There is ample evidence to show that foreign governments and NGOs have been working to stoke, rather than resolve, tensions among the regions’ diverse social movements. Such forces are happy to promote “anti-extractivism” if it serves to bring down popular governments and roll back changes.
However, rather than exposing this, some activists advocate that the solidarity movement also pick sides.
For example, Bret Gustafson admits that in Bolivia, “a country marked by deep poverty in which gas has been construed as a means of national salvation, there is little popular opposition to the extraction of natural gas” [6]. This leads him to conclude that, for solidarity activists, the ability to forge bonds of solidarity is largely limited to reaching out to “those on the urban margins, particularly youth, and the rural peoples and communities affected by extractivism”.
It seems that the majority of Bolivians, who are also victims of the country’s dependence on a resource extraction-based economy but don’t share Gustafson’s anti-extractivist views, are not worthy of support.
Rejecting the limited politics of anti-extractivism does not mean that solidarity activists cannot support those fighting the impacts of extractive industries.
One key role we can play is introducing some of the crucial debates and discussions taking place in South America in our own countries. Effective solidarity requires explaining the context of debates and conflicts within South American countries, and between these countries and imperialism.
This also requires accurately explaining the different positions that exist between diverse social movements and their varying stances towards progressive governments. We can do this while understanding that ultimately only they can resolve their differences.
In the meantime, we should continue to oppose the meddling of imperialist governments and transnationals, thereby ensuring that the region’s social movements can best resolve these issues free of foreign interference.
We must also remember that radical change requires building social forces strong enough to implement change while resisting the inevitable attacks from local elites and imperialist governments. As the battle for a better world is inherently global, it is unlikely that a single nation will be able to resolve all its problems on its own.
Bids to “expose” the gaps between the anti-capitalist rhetoric of some leftist governments and the reality of ongoing resource extraction largely miss this critical point.
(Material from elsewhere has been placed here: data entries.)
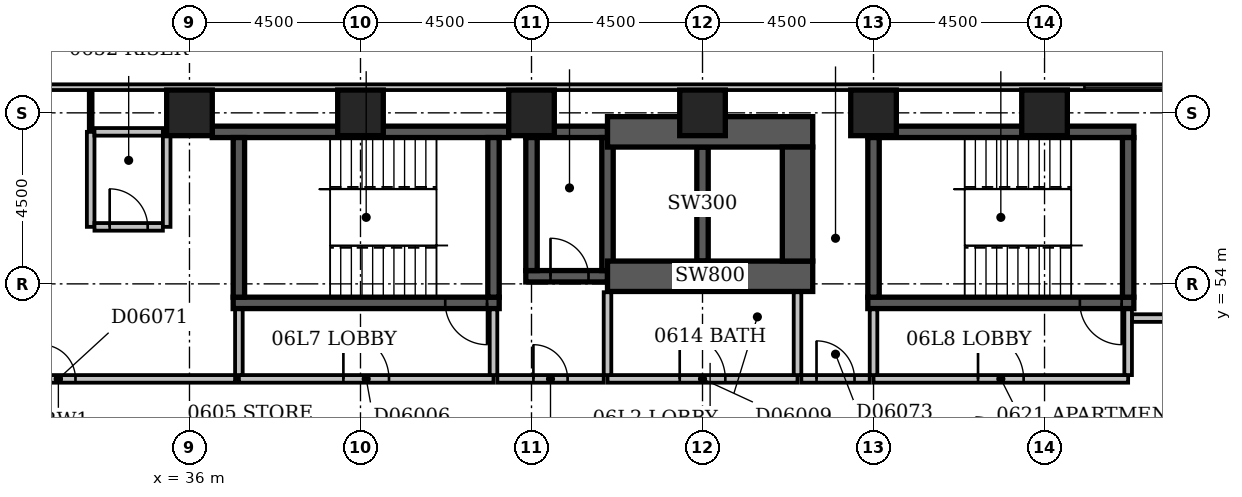
"""IFC4 building model, lengths in metres.
Left out: names, types, materials, properties, quantities, classifications, styles, units other than length and angle.
Written with IfcOpenShell. Run it as: python <this file> out.ifc"""

import sys

from ifc_helpers import new_model, si_unit, direction, frame, frame_2d, origin, origin_2d, place, context, subcontext, project, spatial, rectangle, extrude, element, fill, save


model = new_model("IFC4")
c1 = context("Model", 3, precision=1e-05, world=origin(), true_north=direction((0.0, 1.0)))
c2 = subcontext(c1, "Body", "Model", "MODEL_VIEW")
j1 = project(units=[si_unit("LENGTHUNIT", "METRE"), si_unit("PLANEANGLEUNIT", "RADIAN")], contexts=[c1])
p1 = place(None, origin())
s1 = spatial("IfcSite", under=j1, at=p1, CompositionType="ELEMENT")
p2 = place(p1, origin())
s2 = spatial("IfcBuilding", under=s1, at=p2, CompositionType="ELEMENT")
p3 = place(p2, frame((0.0, 0.0, 32.6)))
s3 = spatial("IfcBuildingStorey", under=s2, at=p3, CompositionType="ELEMENT", Elevation=32.6)
p4 = place(p3, frame((36.6, 58.0, -0.3), z_axis=(0.0, 0.0, 1.0), x_axis=(1.0, 0.0, 0.0)))
e1 = element("IfcWall", 1, at=p4, inside=s3, PredefinedType="SHEAR", context=c2, shape_type="SweptSolid", body=[
    extrude(rectangle(XDim=7.8, YDim=0.3, at=frame_2d((3.9, 0.0))), origin(), (0.0, 0.0, 1.0), 3.6),
])
p5 = place(p3, frame((37.15, 53.5, -0.3), z_axis=(0.0, 0.0, 1.0), x_axis=(1.0, 0.0, 0.0)))
e2 = element("IfcWall", 2, at=p5, inside=s3, PredefinedType="SHEAR", context=c2, shape_type="SweptSolid", body=[
    extrude(rectangle(XDim=7.0, YDim=0.3, at=frame_2d((3.5, 0.0))), origin(), (0.0, 0.0, 1.0), 3.6),
])
p6 = place(p5, frame((5.58, 0.0, 0.3)))
e3 = element("IfcOpeningElement", 3, at=p6, cuts=e2, PredefinedType="OPENING", context=c2, shape_type="SweptSolid", body=[
    extrude(rectangle(XDim=1.1, YDim=2.1, at=frame_2d((0.55, 1.05))), frame((0.0, 0.162, 0.0), z_axis=(0.0, -1.0, 0.0), x_axis=(1.0, 0.0, 0.0)), (0.0, 0.0, 1.0), 0.324),
])
for number, where, z_axis, x_axis in (
    (4, (37.3, 53.65, -0.3), (0.0, 0.0, 1.0), (0.0, 1.0, 0.0)),
    (5, (44.0, 53.65, -0.3), (0.0, 0.0, 1.0), (0.0, 1.0, 0.0)),
):
    element("IfcWall", number, at=place(p3, frame(where, z_axis=z_axis, x_axis=x_axis)), inside=s3, PredefinedType="SHEAR", context=c2, shape_type="SweptSolid", body=[
        extrude(rectangle(XDim=4.2, YDim=0.3, at=frame_2d((2.1, 0.0))), origin(), (0.0, 0.0, 1.0), 3.6),
    ])
p7 = place(p3, frame((44.85, 54.2, -0.3), z_axis=(0.0, 0.0, 1.0), x_axis=(1.0, 0.0, 0.0)))
e6 = element("IfcWall", 6, at=p7, inside=s3, PredefinedType="SHEAR", context=c2, shape_type="SweptSolid", body=[
    extrude(rectangle(XDim=2.15, YDim=0.3, at=frame_2d((1.075, 0.0))), origin(), (0.0, 0.0, 1.0), 3.6),
])
p8 = place(p7, frame((0.65, 0.0, 0.3)))
e7 = element("IfcOpeningElement", 7, at=p8, cuts=e6, PredefinedType="OPENING", context=c2, shape_type="SweptSolid", body=[
    extrude(rectangle(XDim=1.0, YDim=2.1, at=frame_2d((0.5, 1.05))), frame((0.0, 0.162, 0.0), z_axis=(0.0, -1.0, 0.0), x_axis=(1.0, 0.0, 0.0)), (0.0, 0.0, 1.0), 0.324),
])
p9 = place(p3, frame((44.85, 58.0, -0.3), z_axis=(0.0, 0.0, 1.0), x_axis=(1.0, 0.0, 0.0)))
e8 = element("IfcWall", 8, at=p9, inside=s3, PredefinedType="SHEAR", context=c2, shape_type="SweptSolid", body=[
    extrude(rectangle(XDim=2.15, YDim=0.3, at=frame_2d((1.075, 0.0))), origin(), (0.0, 0.0, 1.0), 3.6),
])
p10 = place(p3, frame((45.0, 54.35, -0.3), z_axis=(0.0, 0.0, 1.0), x_axis=(0.0, 1.0, 0.0)))
e9 = element("IfcWall", 9, at=p10, inside=s3, PredefinedType="SHEAR", context=c2, shape_type="SweptSolid", body=[
    extrude(rectangle(XDim=3.5, YDim=0.3, at=frame_2d((1.75, 0.0))), origin(), (0.0, 0.0, 1.0), 3.6),
])
p11 = place(p3, frame((47.0, 54.2, -0.3), z_axis=(0.0, 0.0, 1.0), x_axis=(1.0, 0.0, 0.0)))
e10 = element("IfcWall", 10, at=p11, inside=s3, PredefinedType="SHEAR", context=c2, shape_type="SweptSolid", body=[
    extrude(rectangle(XDim=5.4, YDim=0.8, at=frame_2d((2.7, 0.0))), origin(), (0.0, 0.0, 1.0), 3.6),
])
p12 = place(p3, frame((47.0, 54.35, -0.3), z_axis=(0.0, 0.0, 1.0), x_axis=(0.0, 1.0, 0.0)))
e11 = element("IfcWall", 11, at=p12, inside=s3, PredefinedType="SHEAR", context=c2, shape_type="SweptSolid", body=[
    extrude(rectangle(XDim=3.5, YDim=0.3, at=frame_2d((1.75, 0.0))), origin(), (0.0, 0.0, 1.0), 3.6),
])
p13 = place(p3, frame((47.0, 58.0, -0.3), z_axis=(0.0, 0.0, 1.0), x_axis=(1.0, 0.0, 0.0)))
e12 = element("IfcWall", 12, at=p13, inside=s3, PredefinedType="SHEAR", context=c2, shape_type="SweptSolid", body=[
    extrude(rectangle(XDim=5.4, YDim=0.8, at=frame_2d((2.7, 0.0))), origin(), (0.0, 0.0, 1.0), 3.6),
])
p14 = place(p3, frame((49.5, 54.6, -0.3), z_axis=(0.0, 0.0, 1.0), x_axis=(0.0, 1.0, 0.0)))
e13 = element("IfcWall", 13, at=p14, inside=s3, PredefinedType="SHEAR", context=c2, shape_type="SweptSolid", body=[
    extrude(rectangle(XDim=3.0, YDim=0.3, at=frame_2d((1.5, 0.0))), origin(), (0.0, 0.0, 1.0), 3.6),
])
p15 = place(p3, frame((52.0, 54.6, -0.3), z_axis=(0.0, 0.0, 1.0), x_axis=(0.0, 1.0, 0.0)))
e14 = element("IfcWall", 14, at=p15, inside=s3, PredefinedType="SHEAR", context=c2, shape_type="SweptSolid", body=[
    extrude(rectangle(XDim=3.0, YDim=0.8, at=frame_2d((1.5, 0.0))), origin(), (0.0, 0.0, 1.0), 3.6),
])
p16 = place(p3, frame((53.85, 53.5, -0.3), z_axis=(0.0, 0.0, 1.0), x_axis=(1.0, 0.0, 0.0)))
e15 = element("IfcWall", 15, at=p16, inside=s3, PredefinedType="SHEAR", context=c2, shape_type="SweptSolid", body=[
    extrude(rectangle(XDim=7.0, YDim=0.3, at=frame_2d((3.5, 0.0))), origin(), (0.0, 0.0, 1.0), 3.6),
])
p17 = place(p16, frame((5.58, 0.0, 0.3)))
e16 = element("IfcOpeningElement", 16, at=p17, cuts=e15, PredefinedType="OPENING", context=c2, shape_type="SweptSolid", body=[
    extrude(rectangle(XDim=1.1, YDim=2.1, at=frame_2d((0.55, 1.05))), frame((0.0, 0.162, 0.0), z_axis=(0.0, -1.0, 0.0), x_axis=(1.0, 0.0, 0.0)), (0.0, 0.0, 1.0), 0.324),
])
p18 = place(p3, frame((53.85, 58.0, -0.3), z_axis=(0.0, 0.0, 1.0), x_axis=(1.0, 0.0, 0.0)))
e17 = element("IfcWall", 17, at=p18, inside=s3, PredefinedType="SHEAR", context=c2, shape_type="SweptSolid", body=[
    extrude(rectangle(XDim=7.0, YDim=0.3, at=frame_2d((3.5, 0.0))), origin(), (0.0, 0.0, 1.0), 3.6),
])
for number, where, z_axis, x_axis in (
    (18, (54.0, 53.65, -0.3), (0.0, 0.0, 1.0), (0.0, 1.0, 0.0)),
    (19, (60.7, 53.65, -0.3), (0.0, 0.0, 1.0), (0.0, 1.0, 0.0)),
):
    element("IfcWall", number, at=place(p3, frame(where, z_axis=z_axis, x_axis=x_axis)), inside=s3, PredefinedType="SHEAR", context=c2, shape_type="SweptSolid", body=[
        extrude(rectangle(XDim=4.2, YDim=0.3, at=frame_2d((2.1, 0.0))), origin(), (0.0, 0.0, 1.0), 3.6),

Any chance South American countries have of breaking out of their role as a dependent, raw commodity exporting economies depends on the creation of a new global order, starting with the reshaping of hemispheric relations.
This is precisely what the Bolivian government has tried to do. It has not just denounced capitalism and imperialism at global summits to a world audience, but organized concrete initiatives, such as the Cochabamba Peoples Summit on Climate Change that brought more than 30,000 people to Bolivia in 2010 to discuss and develop radical policies to confront ecological disaster.
Solidarity activists should spend less time fixating on gaps between rhetoric and reality (which will always exist in any unfinished liberation struggle), and more time explaining why, as long as imperialism exists, these processes of change will continue to face tremendous obstacles and dangers.
Let’s refocus our view on the biggest challenge facing us all. This means recognising that, as Nicole Fabricant and Kathryn Hicks put it [7], “only a popular uprising of unprecedented scale will prompt nations of the Global North to take their responsibility to the rest of the globe seriously, and restrain the coercive forces that constrain states like Bolivia”.